Arithmetic subgroups of GL(2, ℝ)

We define a subgroup of GL (Fin 2) ℝ to be arithmetic if it is commensurable with the image of SL(2, ℤ).

def MatrixGroups.term𝒮ℒ : Lean.ParserDescr

The image of the modular group SL(2, ℤ), as a subgroup of GL(2, ℝ).

Equations

• MatrixGroups.term𝒮ℒ = Lean.ParserDescr.node `MatrixGroups.term𝒮ℒ 1024 (Lean.ParserDescr.symbol "𝒮ℒ")

instance Subgroup.instCoeSpecialLinearGroupFinOfNatNatIntGeneralLinearGroupReal : Coe (Subgroup (Matrix.SpecialLinearGroup (Fin 2) ℤ)) (Subgroup (GL (Fin 2) ℝ))

Coercion from subgroups of SL(2, ℤ) to subgroups of GL(2, ℝ) by mapping along the obvious inclusion homomorphism.

Equations

• Subgroup.instCoeSpecialLinearGroupFinOfNatNatIntGeneralLinearGroupReal = { coe := Subgroup.map (Matrix.SpecialLinearGroup.mapGL ℝ) }

class Subgroup.IsArithmetic (𝒢 : Subgroup (GL (Fin 2) ℝ)) : Prop

A subgroup of GL(2, ℝ) is arithmetic if it is commensurable with the image of SL(2, ℤ).

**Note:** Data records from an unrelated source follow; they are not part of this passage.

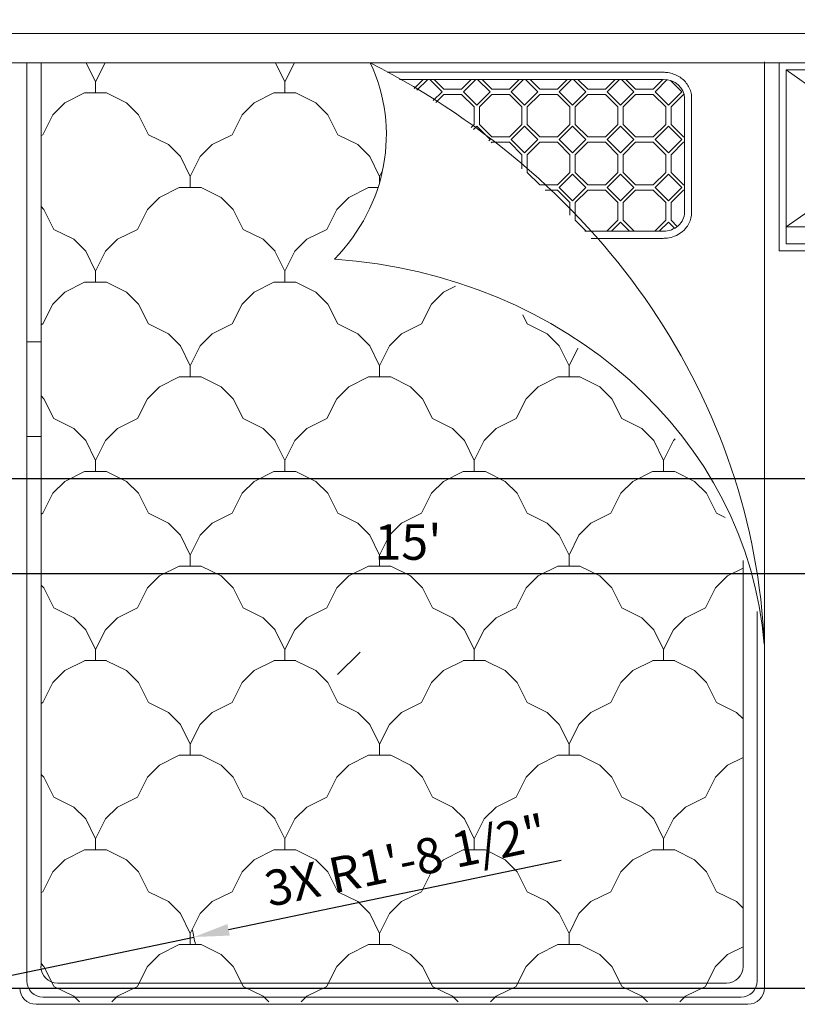
# Model space of a CAD drawing. Units: inches. Extents: x 2025 to 2528, y 1525 to 2336.
# Tile 12 of 18: x 2138 to 2192, y 2209 to 2278. Entities that reach past the tile are written whole.
import ezdxf

# ---------------------------------------------------------------- set-up
doc = ezdxf.new("R2010")
doc.units = ezdxf.units.IN
doc.layers.add('A-ANNO-DIMS', color=2, linetype='Continuous', lineweight=18)
doc.layers.add('A-FURN', color=8, linetype='Continuous', lineweight=18)
doc.styles.get("Standard").update_dxf_attribs({"font": 'arial.ttf'})
doc.dimstyles.new('Copy of ISO-25', dxfattribs={"dimtxt": 2.5, "dimasz": 2.5, "dimexe": 1.25, "dimexo": 0.625, "dimtad": 1, "dimdec": 1, "dimlunit": 4, "dimtxsty": 'Standard', "dimcen": 2.5, "dimadec": 0, "dimazin": 0, "dimtfac": 1, "dimtdec": 1, "dimtmove": 0, "dimatfit": 3, "dimfxl": 1, "dimarcsym": 0})

# ---------------------------------------------------------------- blocks, each defined once
blk = doc.blocks.new('*D6')
at = {"layer": 'A-ANNO-DIMS', "color": 0, "lineweight": -2, "transparency": 16777216}
for p, q in [((2075.013, 2282.787), (2075.013, 2237.927)), ((2255.013, 2282.787), (2255.013, 2237.927)), ((2077.513, 2239.177), (2252.513, 2239.177))]:
    blk.add_line(p, q, dxfattribs=at)
at = {"layer": 'A-ANNO-DIMS', "color": 0, "transparency": 16777216}
for points in [[(2077.513, 2239.594), (2077.513, 2238.761), (2075.013, 2239.177)], [(2252.513, 2239.594), (2252.513, 2238.761), (2255.013, 2239.177)]]:
    blk.add_solid(points, dxfattribs=at)
at = {"layer": 'Defpoints', "color": 0, "transparency": 16777216}
for p in [(2075.013, 2283.412), (2255.013, 2283.412), (2255.013, 2239.177)]:
    blk.add_point(p, dxfattribs=at)
at = {"layer": 'A-ANNO-DIMS', "color": 0, "transparency": 16777216, "insert": (2165.013, 2241.079), "char_height": 2.5, "attachment_point": 5}
blk.add_mtext("15'", dxfattribs=at)
blk = doc.blocks.new('A$C029D5C69')
for p, q in [((2.2315, 2.0693), (0.4164, 2.0693)), ((0.4164, 2.0066), (2.2315, 2.0066)), ((0.5403, 0.0502), (0.5403, 2.0066)), ((0.5706, 0.0805), (0.5706, 2.0066)), ((0.6869, 1.966), (0.6666, 2.0066)), ((0.7072, 2.0066), (0.6869, 1.966)), ((1.0902, 1.966), (1.0699, 2.0066)), ((1.1106, 2.0066), (1.0902, 1.966)), ((2.1114, 2.0087), (2.1114, 0.0351)), ((2.6479, 2.0066), (2.1429, 2.0066)), ((2.1429, 2.0066), (2.1429, 1.606)), ((1.8954, 1.9865), (1.3081, 1.9865)), ((2.6328, 1.9915), (2.158, 1.9915)), ((2.158, 1.9915), (2.158, 1.6211)), ((0.6869, 1.9425), (0.6869, 1.966)), ((0.6869, 1.9425), (0.6869, 1.966)), ((1.0902, 1.9425), (1.0902, 1.966)), ((1.0902, 1.9425), (1.0902, 1.966)), ((1.8954, 1.9713), (1.3339, 1.9713)), ((1.3849, 1.9713), (1.3656, 1.952)), ((1.3945, 1.9713), (1.3714, 1.9483)), ((1.4249, 1.945), (1.3986, 1.9713)), ((1.4288, 1.9507), (1.4081, 1.9713)), ((1.487, 1.9713), (1.4664, 1.9507)), ((1.4966, 1.9713), (1.4703, 1.945)), ((1.527, 1.945), (1.5007, 1.9713)), ((1.5309, 1.9507), (1.5102, 1.9713)), ((1.5891, 1.9713), (1.5685, 1.9507)), ((1.5987, 1.9713), (1.5724, 1.945)), ((1.6291, 1.945), (1.6028, 1.9713)), ((1.633, 1.9507), (1.6123, 1.9713)), ((1.6912, 1.9713), (1.6706, 1.9507)), ((1.7008, 1.9713), (1.6745, 1.945)), ((1.7312, 1.945), (1.7049, 1.9713)), ((1.7351, 1.9507), (1.7144, 1.9713)), ((1.7933, 1.9713), (1.7727, 1.9507)), ((1.8029, 1.9713), (1.7766, 1.945)), ((1.8333, 1.945), (1.807, 1.9713)), ((1.8372, 1.9507), (1.8165, 1.9713)), ((1.8954, 1.9713), (1.8748, 1.9507)), ((1.9043, 1.9707), (1.8787, 1.945)), ((1.9354, 1.945), (1.9114, 1.969)), ((0.6634, 1.9425), (0.621, 1.9213)), ((0.6634, 1.9425), (0.621, 1.9213)), ((0.6869, 1.9425), (0.6634, 1.9425)), ((0.6869, 1.9425), (0.7104, 1.9425)), ((0.7528, 1.9213), (0.7104, 1.9425)), ((0.7528, 1.9213), (0.7104, 1.9425)), ((1.0668, 1.9425), (1.0244, 1.9213)), ((1.0668, 1.9425), (1.0244, 1.9213)), ((1.0902, 1.9425), (1.0668, 1.9425)), ((1.0902, 1.9425), (1.1137, 1.9425)), ((1.1561, 1.9213), (1.1137, 1.9425)), ((1.1561, 1.9213), (1.1137, 1.9425)), ((1.4249, 1.945), (1.4059, 1.926)), ((1.4288, 1.9394), (1.4116, 1.9222)), ((1.4476, 1.9507), (1.4288, 1.9507)), ((1.4288, 1.9393), (1.4476, 1.9393)), ((1.4476, 1.9507), (1.4664, 1.9507)), ((1.4664, 1.9393), (1.4476, 1.9393)), ((1.493, 1.9128), (1.4664, 1.9394)), ((1.4986, 1.9167), (1.4703, 1.945)), ((1.527, 1.945), (1.4986, 1.9167)), ((1.5309, 1.9394), (1.5043, 1.9128)), ((1.5497, 1.9507), (1.5309, 1.9507)), ((1.5309, 1.9393), (1.5497, 1.9393)), ((1.5497, 1.9507), (1.5685, 1.9507)), ((1.5685, 1.9393), (1.5497, 1.9393)), ((1.595, 1.9128), (1.5685, 1.9394)), ((1.6007, 1.9167), (1.5724, 1.945)), ((1.6291, 1.945), (1.6007, 1.9167)), ((1.633, 1.9394), (1.6064, 1.9128)), ((1.6518, 1.9507), (1.633, 1.9507)), ((1.633, 1.9393), (1.6518, 1.9393)), ((1.6518, 1.9507), (1.6706, 1.9507)), ((1.6706, 1.9393), (1.6518, 1.9393)), ((1.6971, 1.9128), (1.6706, 1.9394)), ((1.7028, 1.9167), (1.6745, 1.945)), ((1.7312, 1.945), (1.7028, 1.9167)), ((1.7351, 1.9394), (1.7085, 1.9128)), ((1.7539, 1.9507), (1.7351, 1.9507)), ((1.7351, 1.9393), (1.7539, 1.9393)), ((1.7539, 1.9507), (1.7727, 1.9507)), ((1.7727, 1.9393), (1.7539, 1.9393)), ((1.7992, 1.9128), (1.7727, 1.9394)), ((1.8049, 1.9167), (1.7766, 1.945)), ((1.8333, 1.945), (1.8049, 1.9167)), ((1.8372, 1.9394), (1.8106, 1.9128)), ((1.856, 1.9507), (1.8372, 1.9507)), ((1.8372, 1.9393), (1.856, 1.9393)), ((1.856, 1.9507), (1.8748, 1.9507)), ((1.8748, 1.9393), (1.856, 1.9393)), ((1.9013, 1.9128), (1.8748, 1.9394)), ((1.907, 1.9167), (1.8787, 1.945)), ((1.9354, 1.945), (1.907, 1.9167)), ((1.9393, 1.9394), (1.9127, 1.9128)), ((1.9393, 1.9393), (1.9404, 1.9393)), ((1.9414, 1.688), (1.9414, 1.931)), ((1.9565, 1.688), (1.9565, 1.931)), ((0.621, 1.9213), (0.5955, 1.8958)), ((0.7783, 1.8958), (0.7528, 1.9213)), ((1.0243, 1.9213), (0.9988, 1.8958)), ((1.1816, 1.8958), (1.1561, 1.9213)), ((1.493, 1.8752), (1.493, 1.9128)), ((1.5043, 1.8752), (1.5043, 1.9128)), ((1.595, 1.8752), (1.595, 1.9128)), ((1.6064, 1.8752), (1.6064, 1.9128)), ((1.6971, 1.8752), (1.6971, 1.9128)), ((1.7085, 1.8752), (1.7085, 1.9128)), ((1.7992, 1.8752), (1.7992, 1.9128)), ((1.8106, 1.8752), (1.8106, 1.9128)), ((1.9013, 1.8752), (1.9013, 1.9128)), ((1.9127, 1.8752), (1.9127, 1.9128)), ((0.5955, 1.8958), (0.5743, 1.8534)), ((0.7995, 1.8534), (0.7783, 1.8958)), ((0.9989, 1.8958), (0.9777, 1.8534)), ((1.2028, 1.8534), (1.1816, 1.8958)), ((1.493, 1.8752), (1.4867, 1.869)), ((1.4986, 1.8713), (1.4922, 1.8648)), ((1.527, 1.8429), (1.4986, 1.8713)), ((1.5309, 1.8486), (1.5043, 1.8752)), ((1.595, 1.8752), (1.5685, 1.8486)), ((1.6007, 1.8713), (1.5724, 1.8429)), ((1.6291, 1.8429), (1.6007, 1.8713)), ((1.633, 1.8486), (1.6064, 1.8752)), ((1.6971, 1.8752), (1.6706, 1.8486)), ((1.7028, 1.8713), (1.6745, 1.8429)), ((1.7312, 1.8429), (1.7028, 1.8713)), ((1.7351, 1.8486), (1.7085, 1.8752)), ((1.7992, 1.8752), (1.7727, 1.8486)), ((1.8049, 1.8713), (1.7766, 1.8429)), ((1.8333, 1.8429), (1.8049, 1.8713)), ((1.8372, 1.8486), (1.8106, 1.8752)), ((1.9013, 1.8752), (1.8748, 1.8486)), ((1.907, 1.8713), (1.8787, 1.8429)), ((1.9354, 1.8429), (1.907, 1.8713)), ((1.9393, 1.8486), (1.9127, 1.8752)), ((0.5743, 1.8534), (0.5706, 1.8515)), ((0.5743, 1.8534), (0.5706, 1.8515)), ((0.8419, 1.8322), (0.7995, 1.8534)), ((0.8419, 1.8322), (0.7995, 1.8534)), ((0.9777, 1.8534), (0.9353, 1.8322)), ((0.9777, 1.8534), (0.9353, 1.8322)), ((1.2452, 1.8322), (1.2028, 1.8534)), ((1.2452, 1.8322), (1.2028, 1.8534)), ((1.5497, 1.8486), (1.5309, 1.8486)), ((1.5497, 1.8486), (1.5685, 1.8486)), ((1.6518, 1.8486), (1.633, 1.8486)), ((1.6518, 1.8486), (1.6706, 1.8486)), ((1.7539, 1.8486), (1.7351, 1.8486)), ((1.7539, 1.8486), (1.7727, 1.8486)), ((1.856, 1.8486), (1.8372, 1.8486)), ((1.856, 1.8486), (1.8748, 1.8486)), ((1.9414, 1.8486), (1.9393, 1.8486)), ((0.8674, 1.8067), (0.8419, 1.8322)), ((0.9352, 1.8322), (0.9097, 1.8067)), ((1.2707, 1.8067), (1.2452, 1.8322)), ((1.527, 1.8429), (1.5242, 1.8401)), ((1.5309, 1.8373), (1.5295, 1.8359)), ((1.5309, 1.8373), (1.5497, 1.8373)), ((1.5685, 1.8373), (1.5497, 1.8373)), ((1.595, 1.8107), (1.5685, 1.8373)), ((1.6007, 1.8146), (1.5724, 1.8429)), ((1.6291, 1.8429), (1.6007, 1.8146)), ((1.633, 1.8373), (1.6064, 1.8107)), ((1.633, 1.8373), (1.6518, 1.8373)), ((1.6706, 1.8373), (1.6518, 1.8373)), ((1.6971, 1.8107), (1.6706, 1.8373)), ((1.7028, 1.8146), (1.6745, 1.8429)), ((1.7312, 1.8429), (1.7028, 1.8146)), ((1.7351, 1.8373), (1.7085, 1.8107)), ((1.7351, 1.8373), (1.7539, 1.8373)), ((1.7727, 1.8373), (1.7539, 1.8373)), ((1.7992, 1.8107), (1.7727, 1.8373)), ((1.8049, 1.8146), (1.7766, 1.8429)), ((1.8333, 1.8429), (1.8049, 1.8146)), ((1.8372, 1.8373), (1.8106, 1.8107)), ((1.8372, 1.8373), (1.856, 1.8373)), ((1.8748, 1.8373), (1.856, 1.8373)), ((1.9013, 1.8107), (1.8748, 1.8373)), ((1.907, 1.8146), (1.8787, 1.8429)), ((1.9354, 1.8429), (1.907, 1.8146)), ((1.9393, 1.8373), (1.9127, 1.8107)), ((1.9393, 1.8373), (1.9414, 1.8373)), ((0.8886, 1.7643), (0.8674, 1.8067)), ((0.9098, 1.8067), (0.8886, 1.7643)), ((1.2919, 1.7643), (1.2707, 1.8067)), ((1.595, 1.7806), (1.595, 1.8107)), ((1.6064, 1.7731), (1.6064, 1.8107)), ((1.6971, 1.7731), (1.6971, 1.8107)), ((1.7085, 1.7731), (1.7085, 1.8107)), ((1.7992, 1.7731), (1.7992, 1.8107)), ((1.8106, 1.7731), (1.8106, 1.8107)), ((1.9013, 1.7731), (1.9013, 1.8107)), ((1.9127, 1.7731), (1.9127, 1.8107)), ((0.8886, 1.7408), (0.8886, 1.7643)), ((1.2981, 1.7768), (1.2919, 1.7643)), ((1.2919, 1.7519), (1.2919, 1.7643)), ((1.633, 1.7465), (1.6064, 1.7731)), ((1.6971, 1.7731), (1.6706, 1.7465)), ((1.7028, 1.7692), (1.6745, 1.7408)), ((1.7312, 1.7408), (1.7028, 1.7692)), ((1.7351, 1.7465), (1.7085, 1.7731)), ((1.7992, 1.7731), (1.7727, 1.7465)), ((1.8049, 1.7692), (1.7766, 1.7408)), ((1.8333, 1.7408), (1.8049, 1.7692)), ((1.8372, 1.7465), (1.8106, 1.7731)), ((1.9013, 1.7731), (1.8748, 1.7465)), ((1.907, 1.7692), (1.8787, 1.7408)), ((1.9354, 1.7408), (1.907, 1.7692)), ((1.9393, 1.7465), (1.9127, 1.7731)), ((1.6518, 1.7465), (1.633, 1.7465)), ((1.6518, 1.7465), (1.6706, 1.7465)), ((1.7539, 1.7465), (1.7351, 1.7465)), ((1.7539, 1.7465), (1.7727, 1.7465)), ((1.856, 1.7465), (1.8372, 1.7465)), ((1.856, 1.7465), (1.8748, 1.7465)), ((1.9414, 1.7465), (1.9393, 1.7465)), ((0.8651, 1.7408), (0.8227, 1.7196)), ((0.8651, 1.7408), (0.8227, 1.7196)), ((0.912, 1.7408), (0.8651, 1.7408)), ((0.9544, 1.7196), (0.912, 1.7408)), ((0.9544, 1.7196), (0.912, 1.7408)), ((1.2684, 1.7408), (1.226, 1.7196)), ((1.2684, 1.7408), (1.226, 1.7196)), ((1.2885, 1.7408), (1.2684, 1.7408)), ((1.6443, 1.7352), (1.6518, 1.7352)), ((1.6706, 1.7352), (1.6518, 1.7352)), ((1.6971, 1.7086), (1.6706, 1.7352)), ((1.7028, 1.7125), (1.6745, 1.7408)), ((1.7312, 1.7408), (1.7028, 1.7125)), ((1.7351, 1.7352), (1.7085, 1.7086)), ((1.7351, 1.7352), (1.7539, 1.7352)), ((1.7727, 1.7352), (1.7539, 1.7352)), ((1.7992, 1.7086), (1.7727, 1.7352)), ((1.8049, 1.7125), (1.7766, 1.7408)), ((1.8333, 1.7408), (1.8049, 1.7125)), ((1.8372, 1.7352), (1.8106, 1.7086)), ((1.8372, 1.7352), (1.856, 1.7352)), ((1.8748, 1.7352), (1.856, 1.7352)), ((1.9013, 1.7086), (1.8748, 1.7352)), ((1.907, 1.7125), (1.8787, 1.7408)), ((1.9354, 1.7408), (1.907, 1.7125)), ((1.9393, 1.7352), (1.9127, 1.7086)), ((1.9393, 1.7352), (1.9414, 1.7352)), ((0.5766, 1.6941), (0.5706, 1.7002)), ((0.8227, 1.7196), (0.7972, 1.6941)), ((0.98, 1.6941), (0.9545, 1.7196)), ((1.226, 1.7196), (1.2005, 1.6941)), ((1.6971, 1.682), (1.6971, 1.7086)), ((1.7085, 1.671), (1.7085, 1.7086)), ((1.7992, 1.671), (1.7992, 1.7086)), ((1.8106, 1.671), (1.8106, 1.7086)), ((1.9013, 1.671), (1.9013, 1.7086)), ((1.9127, 1.671), (1.9127, 1.7086)), ((0.5978, 1.6517), (0.5766, 1.6941)), ((0.7972, 1.6941), (0.776, 1.6517)), ((1.0011, 1.6517), (0.9799, 1.6941)), ((1.2005, 1.6941), (1.1793, 1.6517)), ((1.7318, 1.6477), (1.7085, 1.671)), ((1.7992, 1.671), (1.7759, 1.6477)), ((1.8049, 1.6671), (1.7855, 1.6477)), ((1.8244, 1.6477), (1.8049, 1.6671)), ((1.8339, 1.6477), (1.8106, 1.671)), ((1.9013, 1.671), (1.878, 1.6477)), ((1.907, 1.6671), (1.8876, 1.6477)), ((1.9202, 1.6539), (1.907, 1.6671)), ((1.926, 1.6577), (1.9127, 1.671)), ((0.6402, 1.6305), (0.5978, 1.6517)), ((0.6402, 1.6305), (0.5978, 1.6517)), ((0.776, 1.6517), (0.7336, 1.6305)), ((0.776, 1.6517), (0.7336, 1.6305)), ((1.0435, 1.6305), (1.0011, 1.6517)), ((1.0435, 1.6305), (1.0011, 1.6517)), ((1.1793, 1.6517), (1.1369, 1.6305)), ((1.1793, 1.6517), (1.1369, 1.6305)), ((1.8961, 1.6477), (1.7289, 1.6477)), ((0.6657, 1.605), (0.6402, 1.6305)), ((0.7336, 1.6305), (0.7081, 1.605)), ((1.0691, 1.605), (1.0436, 1.6305)), ((1.1369, 1.6305), (1.1114, 1.605)), ((1.8961, 1.6325), (1.7422, 1.6325)), ((2.158, 1.6211), (2.6328, 1.6211)), ((0.6869, 1.5626), (0.6657, 1.605)), ((0.7081, 1.605), (0.6869, 1.5626)), ((1.0902, 1.5626), (1.069, 1.605)), ((1.1114, 1.605), (1.0902, 1.5626)), ((2.1429, 1.606), (2.6479, 1.606)), ((0.6869, 1.5392), (0.6869, 1.5626)), ((0.6869, 1.5392), (0.6869, 1.5626)), ((1.0902, 1.5392), (1.0902, 1.5626)), ((1.0902, 1.5392), (1.0902, 1.5626)), ((0.6634, 1.5391), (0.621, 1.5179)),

• is_commensurable : Commensurable 𝒢 (Matrix.SpecialLinearGroup.mapGL ℝ).range

instance Subgroup.instIsArithmeticRangeSpecialLinearGroupFinOfNatNatIntGeneralLinearGroupRealMapGL : (Matrix.SpecialLinearGroup.mapGL ℝ).range.IsArithmetic

The image of SL(2, ℤ) in GL(2, ℝ) is arithmetic.

theorem Subgroup.isArithmetic_iff_finiteIndex {Γ : Subgroup (Matrix.SpecialLinearGroup (Fin 2) ℤ)} : (map (Matrix.SpecialLinearGroup.mapGL ℝ) Γ).IsArithmetic ↔ Γ.FiniteIndex

instance Subgroup.instIsArithmeticMapSpecialLinearGroupFinOfNatNatIntGeneralLinearGroupRealMapGLOfFiniteIndex (Γ : Subgroup (Matrix.SpecialLinearGroup (Fin 2) ℤ)) [Γ.FiniteIndex] : (map (Matrix.SpecialLinearGroup.mapGL ℝ) Γ).IsArithmetic

Images in GL(2, ℝ) of finite-index subgroups of SL(2, ℤ) are arithmetic.

instance Subgroup.IsArithmetic.finiteIndex_comap (𝒢 : Subgroup (GL (Fin 2) ℝ)) [𝒢.IsArithmetic] : (comap (Matrix.SpecialLinearGroup.mapGL ℝ) 𝒢).FiniteIndex

If Γ is arithmetic, its preimage in SL(2, ℤ) has finite index.